# Im breeding my mare! Some studs I have picked out..



## Rachel's Hobby Farm (Apr 27, 2011)

I bought my mare as a yearling 3 years ago, and im deciding I want to breed her! So, i want YOUR help to pick a stud for her. 
My mare is a Dunskin Tobiano QH. Here she is..as a yearling..





Here are the studs.. (looked at their pedigrees and papers)
Mr Dusty Sachet
Beechgrove, Tennessee 37018
Breed: 	Quarter Horse 	Sex: 	Stallion
Color: 	Buckskin 	Birth Date: 	May 26, 2006
Height: 	15.3 hh 	Weight: 	0.0 lbs
Registry: 	AQHA 	Reg. #: 	X0663590
"Dudley" comes from bloodlines notorious for producing athletic yet sensible horses. Started training for ranch versatility and plans to begin his show career are under way. His sire and grand sire were both successful rope horses and have also produced barrel racers as well. This boys offers it all. Size, color, brains, and conformation its all there. Catch him before he begins competing next year!





King Poco Glow
Paxton, Florida 32538
Breed: 	Quarter Horse 	Sex: 	Stallion
Color: 	Dun 	Birth Date: 	Jan 1, 2004
Height: 	15.1 hh 	Weight: 	0.0 lbs
Registry: 	American Quarter Horse Associa 	Reg. #: 	N/A
Beautiful Silver Grulla Dun foundation bred, trained & working stallion available for the 2011 breeding season. Stud fee is $250 - Registered mares only. Live breeding only.


----------



## patandchickens (Apr 27, 2011)

Without opening the breeding-a-4-yr-old or breeding-average-mares or breeding-for-color-not-function cans o' worms... I would at least suggest that you choose a stud who's been used for a reasonable while already, so you can SEE how his offspring have turned out, not just in a photographic sense but in terms of temperament and performance and soundness. 
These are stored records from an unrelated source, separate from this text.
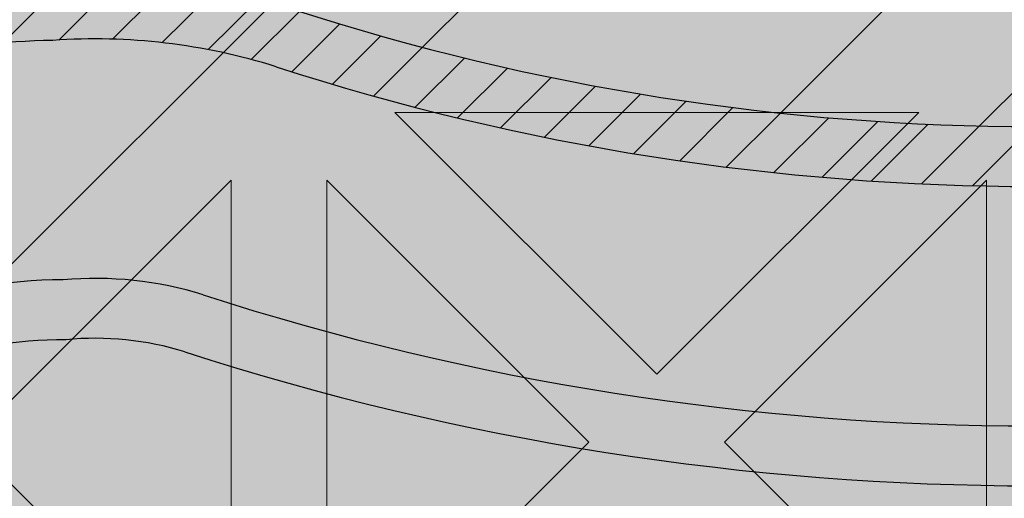
# Model space of a CAD drawing. Units: inches. Extents: x 844 to 2234, y 346 to 1084.
# Tile 54 of 93: x 1866.641 to 1869.26, y 692.527 to 693.802. Entities that reach past the tile are written whole.
import ezdxf

# ---------------------------------------------------------------- set-up
doc = ezdxf.new("R2010")
doc.units = ezdxf.units.IN
doc.header["$MEASUREMENT"] = 0
doc.layers.add('furniture', color=8, linetype='Continuous', lineweight=18)
doc.layers.add('RA-AP-01$0$INT', color=35, linetype='Continuous', lineweight=5)
doc.layers.add('RA-AP-01$0$FURN', color=3, linetype='Continuous')
doc.layers.add('RA-AP-01$0$WOOD', color=64, linetype='Continuous')

# ---------------------------------------------------------------- blocks, each defined once
blk = doc.blocks.new('A$C18D01794')
at = {"layer": 'RA-AP-01$0$INT'}
h = blk.add_hatch(color=256, dxfattribs=at)
h.paths.add_polyline_path([(4.585917135068449, -6.356712009588271), (4.555206456959269, -6.35671200958746), (4.555206456959137, -6.387422687716308), (4.874495778835233, -6.706712009592356), (4.90520645695423, -6.676001331474049)])
h.paths.add_polyline_path([(5.255206456948813, -6.387422687716306), (5.255206456948682, -6.356712009605972), (5.224495778822613, -6.356712009605161), (4.905206456953498, -6.676001331474273), (4.935917135072151, -6.706712009592924)])
h.paths.add_polyline_path([(4.935917135072559, -6.706712009592068), (4.905206456953564, -6.737422687710376), (5.255206456951813, -7.087422687708613), (5.255206456951549, -7.026001331471008)])
h.paths.add_polyline_path([(4.555206456956399, -7.026001331471013), (4.555206456956134, -7.087422687708616), (4.905206456953821, -6.737422687710943), (4.874495778835166, -6.70671200959229)])
h = blk.add_hatch(color=256, dxfattribs=at)
h.paths.add_polyline_path([(4.585917135068448, -6.356712009588273), (4.614201406330596, -6.356712009589021), (4.668846067270487, -6.411356670531338), (4.723490728212344, -6.356712009591912), (4.771774999457151, -6.35671200959319), (4.826419660396886, -6.411356670535356), (4.862780050090322, -6.374996280843536), (4.844495778842715, -6.356712009595112), (4.862780050090411, -6.356712009595595), (4.905206456960182, -6.399138416468211), (4.947632863832445, -6.356712009597838), (4.965917135079675, -6.356712009598322), (4.947632863831759, -6.374996280845421), (4.983993253523576, -6.411356670538857), (5.038637914464627, -6.356712009600247), (5.08692218571208, -6.356712009601523), (5.141566846649976, -6.411356670541852), (5.196211507589851, -6.356712009604411), (5.224495778822615, -6.356712009605161), (4.905206456953975, -6.676001331473793)])
h.paths.add_polyline_path([(4.895206456956031, -6.637717060225675), (4.895206456958921, -6.528427738347902), (4.840561796018589, -6.583072399285802)], flags=16)
h.paths.add_polyline_path([(4.915206456955638, -6.637717060226121), (4.969851117895509, -6.583072399288678), (4.915206456957609, -6.528427738348344)], flags=16)
h.paths.add_polyline_path([(4.826419660395175, -6.568930263661755), (4.881064321335613, -6.514285602723745), (4.771774999456703, -6.514285602720857)], flags=16)
h.paths.add_polyline_path([(4.983993253519558, -6.568930263665262), (5.038637914460456, -6.514285602726792), (4.929348592581548, -6.514285602724816)], flags=16)
h.paths.add_polyline_path([(4.881064321336025, -6.494285602723742), (4.826419660397532, -6.439640941782821), (4.771774999457062, -6.494285602720859)], flags=16)
h.paths.add_polyline_path([(4.929348592582019, -6.494285602724817), (5.038637914460982, -6.494285602726792), (4.983993253522945, -6.439640941786327)], flags=16)
h.paths.add_polyline_path([(4.895206456960191, -6.480143467100443), (4.895206456962115, -6.407422687715913), (4.876922185715016, -6.389138416467584), (4.840561796021581, -6.425498806159401)], flags=16)
h.paths.add_polyline_path([(4.915206456958487, -6.480143467100889), (4.969851117899527, -6.425498806162279), (4.933490728206909, -6.389138416468043), (4.9152064569598, -6.40742268771434)], flags=16)
h.paths.add_polyline_path([(4.757632863832376, -6.480143467096812), (4.812277524772842, -6.425498806158772), (4.757632863834348, -6.370854145217844)], flags=16)
h.paths.add_polyline_path([(4.737632863832376, -6.480143467096286), (4.737632863834348, -6.370854145217375), (4.682988202893906, -6.425498806155385)], flags=16)
h.paths.add_polyline_path([(5.05278005008503, -6.480143467103376), (5.052780050087917, -6.370854145224413), (4.998135389146995, -6.425498806162908)], flags=16)
h.paths.add_polyline_path([(5.072780050085024, -6.480143467103744), (5.127424711025931, -6.42549880616527), (5.072780050087916, -6.370854145224832)], flags=16)
h.paths.add_polyline_path([(4.935917135072783, -6.706712009592292), (5.255206456948811, -6.387422687716309), (5.255206456948932, -6.415706958964177), (5.200561796010279, -6.470351619902839), (5.255206456949403, -6.524996280841948), (5.25520645694961, -6.5732805520894), (5.200561796009787, -6.627925213029239), (5.236922185702417, -6.664285602721864), (5.255206456949919, -6.646001331474357), (5.255206456949998, -6.664285602721898), (5.212780050078687, -6.706712009592262), (5.25520645695036, -6.749138416463932), (5.255206456950438, -6.767422687711313), (5.236922185702424, -6.749138416463297), (5.200561796009796, -6.785498806155928), (5.255206456950753, -6.840143467096874), (5.25520645695096, -6.888427738341682), (5.200561796010322, -6.943072399282328), (5.255206456951428, -6.997717060223427), (5.255206456951547, -7.026001331471006)])
h.paths.add_polyline_path([(5.042988202883395, -6.785498806155427), (5.097632863823085, -6.840143467095101), (5.097632863822622, -6.730854145216193)], flags=16)
h.paths.add_polyline_path([(5.028846067259663, -6.771356670531693), (5.083490728198774, -6.716712009592573), (4.974201406321001, -6.716712009593042)], flags=16)
h.paths.add_polyline_path([(5.117632863823087, -6.840143467095186), (5.172277524762331, -6.785498806155926), (5.11763286382262, -6.730854145216225)], flags=16)
h.paths.add_polyline_path([(5.08349072819877, -6.696712009593886), (5.028846067259652, -6.642067348654775), (4.974201406320998, -6.696712009593438)], flags=16)
h.paths.add_polyline_path([(5.131774999446817, -6.854285602718917), (5.186419660386065, -6.799640941779662), (5.241064321325782, -6.854285602719365)], flags=17)
h.paths.add_polyline_path([(5.131774999446228, -6.716712009592374), (5.186419660386065, -6.771356670532194), (5.222780050079488, -6.734996280838764), (5.204495778832781, -6.716712009592063)], flags=16)
h.paths.add_polyline_path([(5.097632863822613, -6.682569873970264), (5.097632863823061, -6.573280552091354), (5.042988202883383, -6.627925213031044)], flags=16)
h.paths.add_polyline_path([(5.131774999446899, -6.874285602718915), (5.241064321325809, -6.874285602719364), (5.186419660386591, -6.928930263658598)], flags=17)
h.paths.add_polyline_path([(5.131774999446226, -6.696712009594078), (5.204495778830767, -6.696712009594374), (5.22278005007868, -6.67842773834687), (5.186419660386049, -6.642067348654249)], flags=16)
h.paths.add_polyline_path([(5.11763286382262, -6.682569873970225), (5.17227752476232, -6.627925213030515), (5.117632863823064, -6.573280552091267)], flags=16)
h.paths.add_polyline_path([(5.186419660386069, -6.613783077405491), (5.241064321325754, -6.559138416465795), (5.131774999446791, -6.559138416466263)], flags=16)
h.paths.add_polyline_path([(5.131774999446872, -6.539138416466263), (5.24106432132578, -6.539138416465794), (5.186419660386554, -6.484493755526573)], flags=16)
h.paths.add_polyline_path([(5.255206456951811, -7.08742268770861), (5.255206456951895, -7.106712009588038), (4.555206456956052, -7.106712009588038), (4.555206456956136, -7.087422687708617), (4.905206456953973, -6.737422687710788)])
h.paths.add_polyline_path([(4.983993253513404, -6.8444937555241), (4.92934859257295, -6.899138416462108), (5.03863791445186, -6.899138416465014)], flags=16)
h.paths.add_polyline_path([(4.969851117889988, -6.83035161990006), (4.915206456952556, -6.775706958960171), (4.915206456949648, -6.884996280837944)], flags=16)
h.paths.add_polyline_path([(4.929348592572535, -6.919138416462105), (4.983993253511019, -6.973783077403037), (5.038637914451496, -6.919138416465012)], flags=16)
h.paths.add_polyline_path([(5.052780050074912, -6.93328055208906), (4.998135389134438, -6.987925213027088), (5.052780050072919, -7.042569873968025)], flags=16)
h.paths.add_polyline_path([(5.07278005007491, -6.933280552089588), (5.072780050072918, -7.042569873968497), (5.127424711013374, -6.987925213030498)], flags=16)
h.paths.add_polyline_path([(4.89520645695295, -6.775706958959721), (4.840561796013067, -6.830351619897157), (4.895206456950961, -6.884996280837494)], flags=16)
h.paths.add_polyline_path([(4.915206456948365, -6.933280552085403), (4.915206456946434, -7.006001331471951), (4.933490728192729, -7.024285602719066), (4.969851117886972, -6.987925213026453)], flags=16)
h.paths.add_polyline_path([(4.881064321327021, -6.899138416461022), (4.82641966038902, -6.84449375552057), (4.771774999448108, -6.899138416459029)], flags=16)
h.paths.add_polyline_path([(4.895206456950073, -6.933280552084951), (4.840561796009022, -6.987925213023558), (4.876922185700835, -7.024285602716997), (4.895206456948749, -7.006001331469487)], flags=16)
h.paths.add_polyline_path([(4.983993253510392, -7.0020673486505), (4.947632863816944, -7.038427738342319), (4.965917135064043, -7.05671200959023), (5.038637914448995, -7.056712009591555)], flags=16)
h.paths.add_polyline_path([(4.881064321326543, -6.91913841646102), (4.771774999447578, -6.919138416459031), (4.826419660385607, -6.973783077399508)], flags=16)
h.paths.add_polyline_path([(4.905206456946447, -7.014285602717636), (4.862780050074785, -7.056712009588352), (4.947632863816685, -7.056712009589775)], flags=16)
h.paths.add_polyline_path([(5.14156684663679, -7.002067348654549), (5.086922185696452, -7.056712009592438), (5.196211507574223, -7.056712009594425)], flags=16)
h.paths.add_polyline_path([(4.8264196603837, -7.002067348646972), (4.771774999442643, -7.056712009585575), (4.8444957788276, -7.056712009587508), (4.862780050075511, -7.038427738340416)], flags=16)
h.paths.add_polyline_path([(4.812277524760289, -6.98792521302292), (4.757632863822258, -6.933280552082447), (4.757632863819352, -7.042569873961408)], flags=16)
h.paths.add_polyline_path([(4.73763286382226, -6.933280552082079), (4.682988202881349, -6.987925213020536), (4.737632863819352, -7.04256987396099)], flags=16)
h.paths.add_polyline_path([(4.723490728195188, -7.056712009584289), (4.668846067257299, -7.002067348643949), (4.614201406317417, -7.056712009581383)], flags=16)
h.paths.add_polyline_path([(4.597632863829262, -6.706712009592262), (4.555206456957951, -6.664285602721896), (4.555206456958029, -6.646001331474357), (4.573490728205535, -6.664285602721864), (4.609851117898167, -6.627925213029238), (4.555206456958338, -6.573280552089402), (4.555206456958546, -6.524996280841952), (4.60985111789767, -6.470351619902839), (4.555206456959015, -6.415706958964177), (4.555206456959138, -6.387422687716309), (4.874495778835167, -6.70671200959229), (4.5552064569564, -7.026001331471015), (4.555206456956523, -6.997717060223433), (4.609851117897629, -6.94307239928233), (4.555206456956988, -6.888427738341681), (4.555206456957198, -6.840143467096881), (4.609851117898153, -6.78549880615593), (4.573490728205528, -6.749138416463297), (4.555206456957507, -6.76742268771132), (4.555206456957585, -6.749138416463933)])
h.paths.add_polyline_path([(4.712780050085332, -6.730854145216195), (4.712780050084863, -6.840143467095105), (4.767424711024555, -6.785498806155427)], flags=16)
h.paths.add_polyline_path([(4.726922185709173, -6.716712009592573), (4.781566846648288, -6.771356670531693), (4.836211507586949, -6.716712009593043)], flags=16)
h.paths.add_polyline_path([(4.692780050085327, -6.730854145216225), (4.638135389145619, -6.785498806155928), (4.692780050084865, -6.840143467095185)], flags=16)
h.paths.add_polyline_path([(4.726922185709182, -6.696712009593886), (4.836211507586949, -6.696712009593436), (4.7815668466483, -6.642067348654773)], flags=16)
h.paths.add_polyline_path([(4.678637914461726, -6.71671200959237), (4.605917135075169, -6.716712009592063), (4.587632863828464, -6.734996280838766), (4.623993253521887, -6.771356670532195)], flags=16)
h.paths.add_polyline_path([(4.712780050085336, -6.68256987397026), (4.767424711024568, -6.627925213031042), (4.71278005008489, -6.573280552091352)], flags=16)
h.paths.add_polyline_path([(4.678637914461726, -6.696712009594076), (4.623993253521899, -6.642067348654247), (4.587632863829271, -6.67842773834687), (4.605917135077185, -6.696712009594376)], flags=16)
h.paths.add_polyline_path([(4.692780050085336, -6.682569873970228), (4.692780050084889, -6.573280552091267), (4.638135389145632, -6.627925213030515)], flags=16)
h.paths.add_polyline_path([(4.623993253521885, -6.799640941779662), (4.678637914461131, -6.854285602718915), (4.56934859258217, -6.854285602719365)], flags=17)
h.paths.add_polyline_path([(4.623993253521901, -6.613783077405509), (4.678637914461158, -6.559138416466263), (4.569348592582195, -6.559138416465795)], flags=16)
h.paths.add_polyline_path([(4.678637914461051, -6.874285602718915), (4.623993253521361, -6.928930263658598), (4.569348592582143, -6.874285602719364)], flags=17)
h.paths.add_polyline_path([(4.678637914461076, -6.539138416466263), (4.623993253521399, -6.484493755526573), (4.569348592582167, -6.539138416465796)], flags=16)
h = blk.add_hatch(color=256, dxfattribs=at)
h.paths.add_polyline_path([(4.969851117891331, -6.583072399286455), (4.915206456952669, -6.63771706022511), (4.915206456952222, -6.528427738347337)])
h.paths.add_polyline_path([(4.895206456953064, -6.637717060225108), (4.840561796014413, -6.583072399286448), (4.895206456953533, -6.528427738347335)])
h.paths.add_polyline_path([(4.826419660390684, -6.568930263662714), (4.771774999451003, -6.514285602723024), (4.881064321329913, -6.514285602723489)])
h.paths.add_polyline_path([(4.881064321329884, -6.494285602723492), (4.771774999450921, -6.494285602723024), (4.82641966039018, -6.439640941783778)])
h.paths.add_polyline_path([(4.895206456953734, -6.48014346709988), (4.840561796013912, -6.425498806160046), (4.876922185707337, -6.389138416466622), (4.895206456954043, -6.40742268771333)])
h.paths.add_polyline_path([(4.862780050082808, -6.374996280843689), (4.826419660390178, -6.411356670536314), (4.771774999450351, -6.356712009596481), (4.844495778835303, -6.356712009596181)])
h.paths.add_polyline_path([(4.812277524766446, -6.425498806160041), (4.757632863827191, -6.480143467099289), (4.757632863826741, -6.370854145220329)])
h.paths.add_polyline_path([(4.737632863827191, -6.480143467099214), (4.682988202887508, -6.425498806159518), (4.737632863826743, -6.370854145220299)])
h.paths.add_polyline_path([(4.668846067263777, -6.41135667053579), (4.614201406325123, -6.356712009597128), (4.723490728202894, -6.356712009596675)])
h.paths.add_polyline_path([(4.905206456953846, -6.399138416467422), (4.862780050082654, -6.356712009596229), (4.947632863824561, -6.356712009595756)])
h.paths.add_polyline_path([(4.915206456952028, -6.480143467099882), (4.91520645695173, -6.407422687715346), (4.933490728199234, -6.389138416467428), (4.96985111789186, -6.425498806160055)])
h.paths.add_polyline_path([(5.038637914454841, -6.494285602723048), (4.929348592575874, -6.494285602723497), (4.983993253515593, -6.439640941783787)])
h.paths.add_polyline_path([(4.983993253515065, -6.568930263662725), (4.929348592575849, -6.514285602723495), (5.038637914454755, -6.514285602723045)])
h.paths.add_polyline_path([(5.052780050079843, -6.480143467099317), (4.998135389140595, -6.425498806160058), (5.052780050080309, -6.370854145220356)])
h.paths.add_polyline_path([(4.983993253516868, -6.411356670536324), (4.947632863824241, -6.374996280843694), (4.965917135071747, -6.356712009596188), (5.038637914456701, -6.356712009596504)])
h.paths.add_polyline_path([(5.127424711019533, -6.425498806159557), (5.072780050079843, -6.480143467099239), (5.07278005008031, -6.370854145220326)])
h.paths.add_polyline_path([(5.141566846643269, -6.411356670535829), (5.086922185704154, -6.356712009596707), (5.196211507581929, -6.356712009597176)])
for p, q in [((4.905206456953975, -6.676001331473793), (4.585917135071132, -6.356712009590955)), ((4.737632863834348, -6.370854145217375), (4.682988202893906, -6.425498806155385)), ((4.737632863832376, -6.480143467096285), (4.737632863834348, -6.370854145217375)), ((4.757632863832376, -6.48014346709681), (4.757632863834348, -6.370854145217847)), ((4.757632863834348, -6.370854145217847), (4.812277524772842, -6.425498806158774)), ((4.840561796021581, -6.425498806159403), (4.876922185715016, -6.389138416467584)), ((4.895206456962113, -6.407422687715495), (4.895206456960191, -6.480143467100447)), ((4.682988202893908, -6.425498806155387), (4.737632863832376, -6.480143467096285)), ((4.757632863832376, -6.48014346709681), (4.812277524772842, -6.425498806158774)), ((4.895206456960191, -6.480143467100447), (4.840561796021581, -6.425498806159401)), ((4.771774999457064, -6.494285602720857), (4.826419660397532, -6.439640941782821)), ((4.881064321336027, -6.494285602723744), (4.826419660397532, -6.439640941782821)), ((4.771774999457064, -6.494285602720857), (4.881064321336027, -6.494285602723744))]:
    blk.add_line(p, q, dxfattribs=at)
blk = doc.blocks.new('A$C32926AE1')
at = {"layer": 'RA-AP-01$0$WOOD'}
h = blk.add_hatch(color=256, dxfattribs=at)
h.dxf.hatch_style = 1
h.paths.add_polyline_path([(5.157430609644524, 4.573483066760929, -0.1009492694046607), (5.155401577623758, 4.593365984175333, -0.1842662638101597), (5.172249623284174, 4.638795604568598, 0.2056608120311276), (5.179560981299304, 4.661316324430096, 0.3614336704623542), (5.134352340494423, 4.706524965234944, 0.2056608120311297), (5.111831620632933, 4.699213607219793, -0.1842662638101113), (5.066402000239693, 4.682365561559342, -0.1055311479399994), (5.045656153913092, 4.68467289944697, 0.1567636581983829), (4.763886414745334, 4.684672899446966, -0.1055311479399895), (4.743140568418733, 4.68236556155934, -0.1842662638100833), (4.6977109480255, 4.69921360721979, 0.2056608120302612), (4.675190228164109, 4.706524965234949, 0.3614336704708441), (4.629981587358889, 4.66131632442871, 0.2056608120245944), (4.637292945374126, 4.638795604567974, -0.1842662638101024), (4.654140991034615, 4.59336598417475, -0.1009492694055169), (4.652111959013835, 4.573483066760181, 0.021410119221476), (4.629748025606143, 4.156712009541676, 0.0214101192214795), (4.652111959013809, 3.739940952323101, -0.1009492694059586), (4.654140991034615, 3.720058034908448, -0.1842662638100975), (4.637292945374126, 3.674628414515226, 0.2056608120245705), (4.629981587358889, 3.652107694654492, 0.3614336704708879), (4.675190228164113, 3.606899053848249, 0.2056608120302384), (4.697710948025501, 3.614210411863408, -0.1842662638100995), (4.743140568418738, 3.63105845752386, -0.1055311479402541), (4.763886414745388, 3.628751119636215, 0.1567636581983776), (5.045656153913137, 3.628751119636244, -0.1055311479397538), (5.066402000239692, 3.631058457523857, -0.1842662638101067), (5.111831620632931, 3.614210411863407, 0.2056608120310924), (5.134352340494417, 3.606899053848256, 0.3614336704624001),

This would probably rule out the first (younger) of the two studs you mentioned; no idea what the second may or may not have produced that's in work now.

Four is real young to be breeding a mare, IMO (ok, so I am opening that can of worms a little)... the tendency to do that in quarter horses and similar breeds probably accounts for a lot of the soundness problems that are so common... how much would it kill you to wait another few years when she's shown you better how she's going to turn out HERSELF.

JMHO, good luck, have fun,

Pat


----------



## Rachel's Hobby Farm (Apr 27, 2011)

Will do.


----------



## Horsiezz (Aug 22, 2011)

I know the perfect stud for your mare!
















ISNT HE BREATH TAKING!? Hes like a Breyer Horse!!!!! <3
CW River of Gold
Registered APHA/PtHA
16 hand dunskin overo paint w/ a blue eye and half blue eye
Register of Merit(ROM) in Western Pleasure and Hunter Undersaddle
I have heard nothing but GREAT things regarding this stallion and his offspring. 
Stud fee is $500 live  and they will ship semen for $275, they are located in Ostrander, Ohio.
I am probably breeding my AQHA mare to him next Spring, they would throw some nice color, ability, a nice temperment, and conformation. 
Heres his ad: http://www.equine.com/stallions-at-stud/stallion-ad-1056782.html
Also has a Facebook page where you can see LOADS of pcitures of him and his offspring. He throws nice foals and most are successfully being shown.
Also search his name at allbreedpeigree.com to see his bloodlines.
Good luck on your search! 
By the way, the 2nd stallion is NOT a grulla! He looks like a buckskin/dunskin. He doesnt have the dark face. Heres a true grulla, my AQHA mare Gracie:


----------



## Aleah040 (Sep 24, 2011)

Hi! I have a grulla tobiano paint mare, who I will be breeding to another grulla, Jacks Smoking Guns, this spring. If you google his name his facebook page will come up. He'll be a 3 yr old when they start his breeding program, but he has the BEST disposition. He's homozygus for dun AND black gene. I worked with him as a yearling and he won Reserve World Champion in yearling longeline at the IBHA, N.S.B.A. Open Yearling Longe Line Champion at the Color Breed Congress 2010, 2010 Central State Horse Show Association: Grand Champion 2 & Under Open Halter. Finished top 15 at Quarter Horse Congress in Yearling Longe Line. He has a point in the N.S.B.A a ROM in Dun Factor. I no longer worked with him when it came time to ride him, couldnt get along with the man that showed him, so I am not certain on what awards he has won as a 2 yr old under saddle. I do know that they are showing him in Western Pleasure, Huntseat, Halter, and Dun Factor. I absolutely LOVE this stud, he is very smart and always wanting to learn. I was the first person on his back, and he didnt flinch. He just aims to please. If you decide on an older, more proven horse, keep an eye on this guy as he and his babies get to prove theirselves. At 2, he is almost 16.1 and weighs 1250, and is Homozygous for the dun AND black gene. His stud fee is $750. If i knew how to post a pic on here i would lol, but if you google his name his facebook page will come up. Let me know if you consider him!


----------



## mydakota (Sep 24, 2011)

I don't know that  your mare isn't breeding-worthy, so please don't take anything I am about to say as an attack.  For all I know, she may fit all the criteria I am about to mention. 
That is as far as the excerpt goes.